I forgot something. You have to compile the SATA-support in. Compile it as a module won't work.

----------

## mattengstrom

Thanks, that did it.  But - it seems strange to me that I needed to do that.  Isn't the point of genkernel that you don't need to do basic hardware stuff like this?

----------

## nubla

Yep, i asked me the same question, but i have no answer for it so far  :Confused: 

----------

## didymos

You can't simply have SATA support as a module if the root drive is an SATA drive.  Where's the kernel supposed to load the module from?

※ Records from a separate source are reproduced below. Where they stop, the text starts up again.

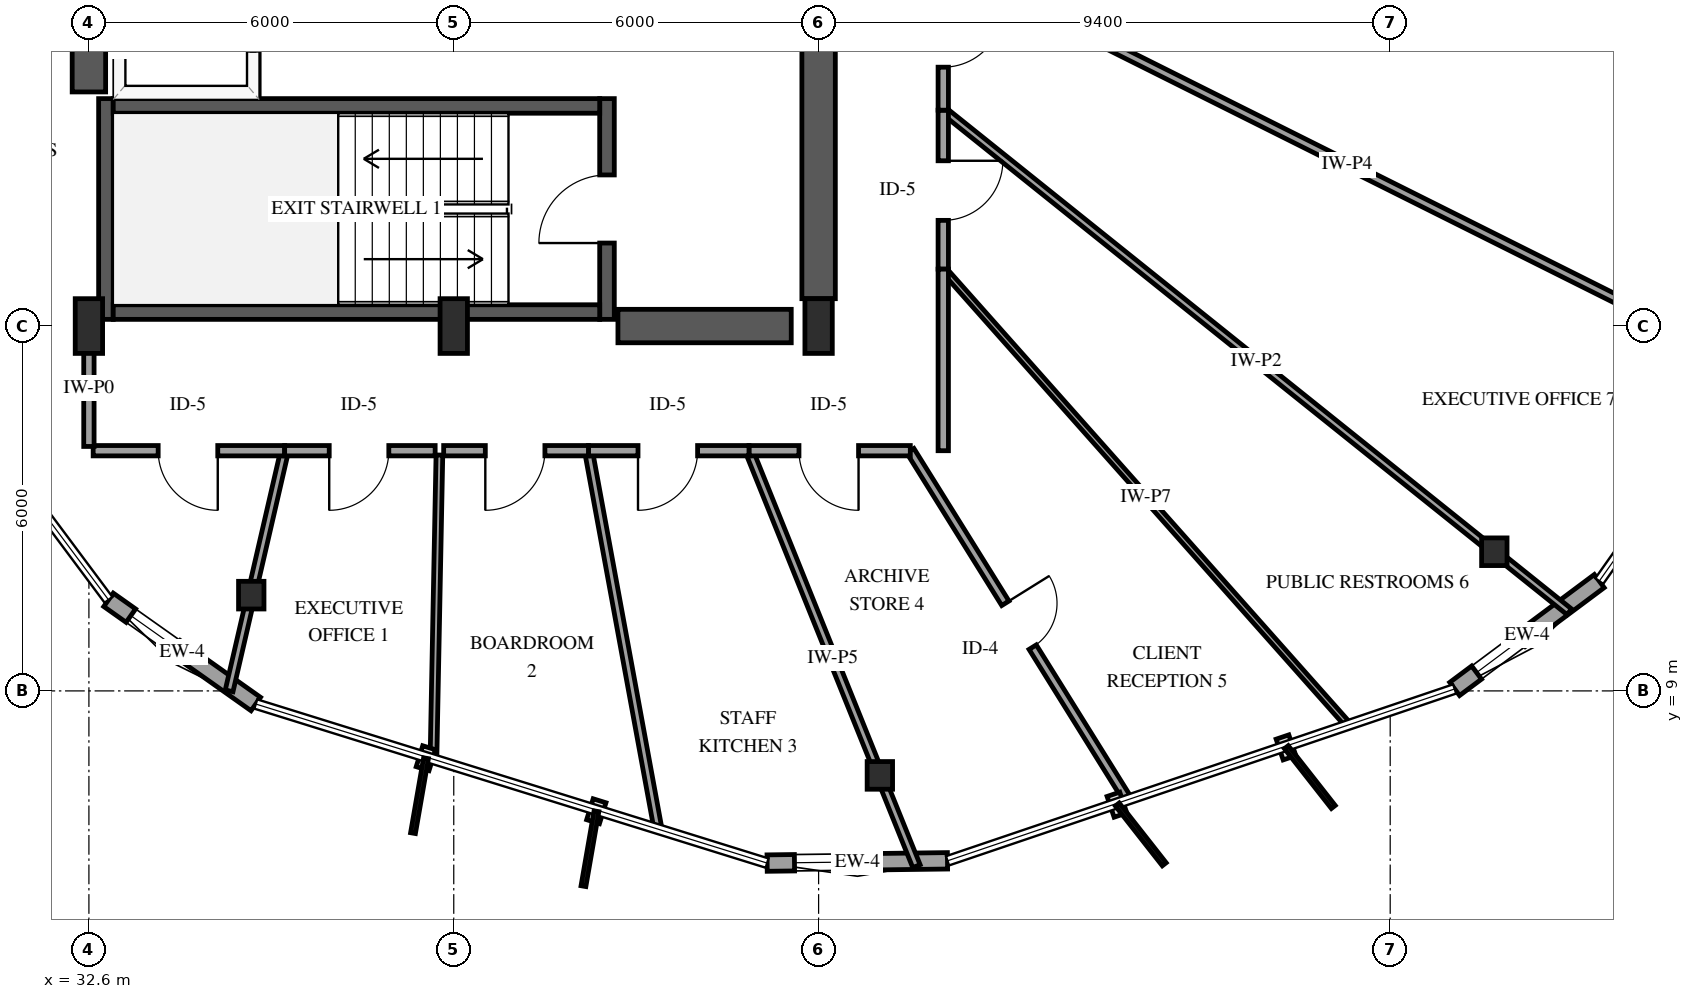
"""IFC4 building model, lengths in metres.
Left out: names, types, materials, properties, quantities, classifications, styles, units other than length and angle.
Written with IfcOpenShell. Run it as: python <this file> out.ifc"""

import sys

from ifc_helpers import new_model, si_unit, direction, frame, frame_2d, origin, origin_2d, place, context, subcontext, project, spatial, rectangle, i_section, extrude, element, fill, save


model = new_model("IFC4")
c1 = context("Model", 3, precision=1e-05, world=origin(), true_north=direction((0.0, 1.0)))
c2 = subcontext(c1, "Body", "Model", "MODEL_VIEW")
j1 = project(units=[si_unit("LENGTHUNIT", "METRE"), si_unit("PLANEANGLEUNIT", "RADIAN")], contexts=[c1])
p1 = place(None, origin())
s1 = spatial("IfcSite", under=j1, at=p1, CompositionType="ELEMENT")
p2 = place(p1, origin())
s2 = spatial("IfcBuilding", under=s1, at=p2, CompositionType="ELEMENT")
p3 = place(p2, frame((0.0, 0.0, 106.9)))
s3 = spatial("IfcBuildingStorey", under=s2, at=p3, CompositionType="ELEMENT", Elevation=106.9)
p4 = place(p3, frame((32.88, 15.11, 0.0), z_axis=(0.0, 0.0, 1.0), x_axis=(0.0, 1.0, 0.0)))
e1 = element("IfcWall", 1, at=p4, inside=s3, PredefinedType="SHEAR", context=c2, shape_type="SweptSolid", body=[
    extrude(rectangle(XDim=3.63, YDim=0.24, at=frame_2d((1.815, 0.0))), origin(), (0.0, 0.0, 1.0), 3.9),
])
p5 = place(p3, frame((41.12, 15.11, 0.0), z_axis=(0.0, 0.0, 1.0), x_axis=(0.0, 1.0, 0.0)))
e2 = element("IfcWall", 2, at=p5, inside=s3, PredefinedType="SHEAR", context=c2, shape_type="SweptSolid", body=[
    extrude(rectangle(XDim=3.63, YDim=0.24, at=frame_2d((1.815, 0.0))), origin(), (0.0, 0.0, 1.0), 3.9),
])
p6 = place(p5, frame((1.255, 0.0, 0.0)))
e3 = element("IfcOpeningElement", 3, at=p6, cuts=e2, PredefinedType="OPENING", context=c2, shape_type="SweptSolid", body=[
    extrude(rectangle(XDim=1.12, YDim=2.15, at=frame_2d((0.56, 1.075))), frame((0.0, 0.13, 0.0), z_axis=(0.0, -1.0, 0.0), x_axis=(1.0, 0.0, 0.0)), (0.0, 0.0, 1.0), 0.26),
])
for number, where, z_axis, x_axis in (
    (4, (33.0, 15.23, 0.0), (0.0, 0.0, 1.0), (1.0, 0.0, 0.0)),
    (5, (33.0, 18.62, 0.0), (0.0, 0.0, 1.0), (1.0, 0.0, 0.0)),
):
    element("IfcWall", number, at=place(p3, frame(where, z_axis=z_axis, x_axis=x_axis)), inside=s3, PredefinedType="SHEAR", context=c2, shape_type="SweptSolid", body=[
        extrude(rectangle(XDim=8.0, YDim=0.24, at=frame_2d((4.0, 0.0))), origin(), (0.0, 0.0, 1.0), 3.9),
    ])
p7 = place(p3, frame((32.6, 18.85, 0.0), z_axis=(0.0, 0.0, 1.0), x_axis=(0.0, 1.0, 0.0)))
e6 = element("IfcWall", 6, at=p7, inside=s3, PredefinedType="SHEAR", context=c2, shape_type="SweptSolid", body=[
    extrude(rectangle(XDim=12.3, YDim=0.55, at=frame_2d((6.15, 0.0))), origin(), (0.0, 0.0, 1.0), 3.9),
])
p8 = place(p3, frame((41.3, 15.0, 0.0), z_axis=(0.0, 0.0, 1.0), x_axis=(1.0, 0.0, 0.0)))
e7 = element("IfcWall", 7, at=p8, inside=s3, PredefinedType="SHEAR", context=c2, shape_type="SweptSolid", body=[
    extrude(rectangle(XDim=2.85, YDim=0.55, at=frame_2d((1.425, 0.0))), origin(), (0.0, 0.0, 1.0), 3.9),
])
p9 = place(p3, frame((44.6, 15.45, 0.0), z_axis=(0.0, 0.0, 1.0), x_axis=(0.0, 1.0, 0.0)))
e8 = element("IfcWall", 8, at=p9, inside=s3, PredefinedType="SHEAR", context=c2, shape_type="SweptSolid", body=[
    extrude(rectangle(XDim=6.35, YDim=0.55, at=frame_2d((3.175, 0.0))), origin(), (0.0, 0.0, 1.0), 3.9),
])
for number, where, z_axis, x_axis in (
    (9, (32.6, 15.0, 0.0), (0.0, 0.0, 1.0), (1.0, 0.0, 0.0)),
    (10, (38.6, 15.0, 0.0), (0.0, 0.0, 1.0), (1.0, 0.0, 0.0)),
    (11, (44.6, 15.0, 0.0), (0.0, 0.0, 1.0), (1.0, 0.0, 0.0)),
):
    element("IfcColumn", number, at=place(p3, frame(where, z_axis=z_axis, x_axis=x_axis)), inside=s3, PredefinedType="PILASTER", context=c2, shape_type="SweptSolid", body=[
        extrude(rectangle(XDim=0.45, YDim=0.9, at=origin_2d()), origin(), (0.0, 0.0, 1.0), 3.9),
    ])
for number, where, z_axis, x_axis in (
    (12, (35.27, 10.575, 0.0), (0.0, 0.0, 1.0), (1.0, 0.0, 0.0)),
    (13, (45.607, 7.611, 0.0), (0.0, 0.0, 1.0), (1.0, 0.0, 0.0)),
    (14, (55.712, 11.289, 0.0), (0.0, 0.0, 1.0), (1.0, 0.0, 0.0)),
):
    element("IfcColumn", number, at=place(p3, frame(where, z_axis=z_axis, x_axis=x_axis)), inside=s3, PredefinedType="COLUMN", context=c2, shape_type="SweptSolid", body=[
        extrude(i_section(OverallWidth=0.418, OverallDepth=0.455, WebThickness=0.042, FlangeThickness=0.068, FilletRadius=0.038, at=origin_2d()), origin(), (0.0, 0.0, 1.0), 3.9),
    ])
p10 = place(p3, frame((32.923, 10.498, 0.0), z_axis=(0.0, 0.0, 1.0), x_axis=(0.816333298617, -0.577581116009, 0.0)))
e15 = element("IfcWall", 15, at=p10, inside=s3, PredefinedType="SOLIDWALL", context=c2, shape_type="SweptSolid", body=[
    extrude(rectangle(XDim=2.967, YDim=0.27, at=frame_2d((1.483, 0.0))), origin(), (0.0, 0.0, 1.0), 2.979),
])
p11 = place(p10, frame((0.45, 0.0, 0.75)))
e16 = element("IfcOpeningElement", 16, at=p11, cuts=e15, PredefinedType="OPENING", context=c2, shape_type="SweptSolid", body=[
    extrude(rectangle(XDim=0.9, YDim=1.5, at=frame_2d((0.45, 0.75))), frame((0.0, 0.145, 0.0), z_axis=(0.0, -1.0, 0.0), x_axis=(1.0, 0.0, 0.0)), (0.0, 0.0, 1.0), 0.29),
])
p12 = place(p3, frame((43.753, 6.168, 0.0), z_axis=(0.0, 0.0, 1.0), x_axis=(0.999920709684, 0.012592630552, 0.0)))
e17 = element("IfcWall", 17, at=p12, inside=s3, PredefinedType="SOLIDWALL", context=c2, shape_type="SweptSolid", body=[
    extrude(rectangle(XDim=2.966, YDim=0.27, at=frame_2d((1.483, 0.0))), origin(), (0.0, 0.0, 1.0), 2.979),
])
p13 = place(p12, frame((0.45, 0.0, 0.75)))
e18 = element("IfcOpeningElement", 18, at=p13, cuts=e17, PredefinedType="OPENING", context=c2, shape_type="SweptSolid", body=[
    extrude(rectangle(XDim=0.9, YDim=1.5, at=frame_2d((0.45, 0.75))), frame((0.0, 0.145, 0.0), z_axis=(0.0, -1.0, 0.0), x_axis=(1.0, 0.0, 0.0)), (0.0, 0.0, 1.0), 0.29),
])
p14 = place(p3, frame((55.06, 9.032, 0.0), z_axis=(0.0, 0.0, 1.0), x_axis=(0.801547915112, 0.597930547622, 0.0)))
e19 = element("IfcWall", 19, at=p14, inside=s3, PredefinedType="SOLIDWALL", context=c2, shape_type="SweptSolid", body=[
    extrude(rectangle(XDim=2.966, YDim=0.27, at=frame_2d((1.483, 0.0))), origin(), (0.0, 0.0, 1.0), 2.979),
])
p15 = place(p14, frame((0.45, 0.0, 0.75)))
e20 = element("IfcOpeningElement", 20, at=p15, cuts=e19, PredefinedType="OPENING", context=c2, shape_type="SweptSolid", body=[
    extrude(rectangle(XDim=0.9, YDim=1.5, at=frame_2d((0.45, 0.75))), frame((0.0, 0.145, 0.0), z_axis=(0.0, -1.0, 0.0), x_axis=(1.0, 0.0, 0.0)), (0.0, 0.0, 1.0), 0.29),
])
p16 = place(p3, frame((35.3, 18.79, 0.0), z_axis=(0.0, 0.0, 1.0), x_axis=(0.0, 1.0, 0.0)))
e21 = element("IfcWall", 21, at=p16, inside=s3, PredefinedType="SOLIDWALL", context=c2, shape_type="SweptSolid", body=[
    extrude(rectangle(XDim=2.55, YDim=0.2, at=frame_2d((1.275, 0.0))), origin(), (0.0, 0.0, 1.0), 3.6),
])
p17 = place(p16, frame((0.725, 0.0, 0.0)))
e22 = element("IfcOpeningElement", 22, at=p17, cuts=e21, PredefinedType="OPENING", context=c2, shape_type="SweptSolid", body=[
    extrude(rectangle(XDim=1.1, YDim=2.15, at=frame_2d((0.55, 1.075))), frame((0.0, 0.11, 0.0), z_axis=(0.0, -1.0, 0.0), x_axis=(1.0, 0.0, 0.0)), (0.0, 0.0, 1.0), 0.22),
])
p18 = place(p3, frame((46.65, 20.975, 0.0), z_axis=(0.0, 0.0, 1.0), x_axis=(0.894492933533, -0.447082086266, 0.0)))
e23 = element("IfcWall", 23, at=p18, inside=s3, PredefinedType="PARTITIONING", context=c2, shape_type="SweptSolid", body=[
    extrude(rectangle(XDim=14.852, YDim=0.14, at=frame_2d((7.426, 0.0))), origin(), (0.0, 0.0, 1.0), 3.6),
])
p19 = place(p3, frame((46.65, 18.55, 0.0), z_axis=(0.0, 0.0, 1.0), x_axis=(0.780391932211, -0.625290678117, 0.0)))
e24 = element("IfcWall", 24, at=p19, inside=s3, PredefinedType="PARTITIONING", context=c2, shape_type="SweptSolid", body=[
    extrude(rectangle(XDim=13.192, YDim=0.12, at=frame_2d((6.596, 0.0))), origin(), (0.0, 0.0, 1.0), 2.978),
])
p20 = place(p3, frame((46.65, 15.936, 0.0), z_axis=(0.0, 0.0, 1.0), x_axis=(0.66409177884, -0.747651061176, 0.0)))
e25 = element("IfcWall", 25, at=p20, inside=s3, PredefinedType="PARTITIONING", context=c2, shape_type="SweptSolid", body=[
    extrude(rectangle(XDim=10.028, YDim=0.1, at=frame_2d((5.014, 0.0))), origin(), (0.0, 0.0, 1.0), 2.978),
])
p21 = place(p3, frame((43.455, 12.95, 0.0), z_axis=(0.0, 0.0, 1.0), x_axis=(0.373857978329, -0.927485963258, 0.0)))
e26 = element("IfcWall", 26, at=p21, inside=s3, PredefinedType="PARTITIONING", context=c2, shape_type="SweptSolid", body=[
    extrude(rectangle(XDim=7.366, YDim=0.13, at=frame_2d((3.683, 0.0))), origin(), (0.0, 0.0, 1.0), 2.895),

The SATA drive?  In order for that to work, you need an initrd/initramfs with the SATA modules in it and a separate /boot partition that isn't on an SATA drive.  It's easier to just build it in.  After all, it's not like you're suddenly not going to need SATA support.  You couldn't unload the module anyway as long as any SATA drive was mounted.

----------

## didymos

BTW, the point of genkernel is simply to build a kernel.  It also just happens to build initrd images by default. Unless you're doing the bootsplash thing, or have some real need for it, an initrd is rather pointless.  The general recommendation is actually to have the basic hardware support built-in, simply because it avoids initrds and you're always going to need those drivers to do anything anyway.  You should also build in the filesystem drivers,  typically at least ext2 and ext3 support, but absolutely whatever your root FS is.  Again, you can have these as modules, but why? They're always going to needed and loaded.

----------

## mattengstrom

genkernel seems to be aimed at people who don't want to "muck around" with their kernel config.  I guessing at this point that there enough people out there with SATA drives that genkernel should add SATA support either automatically or by default.

----------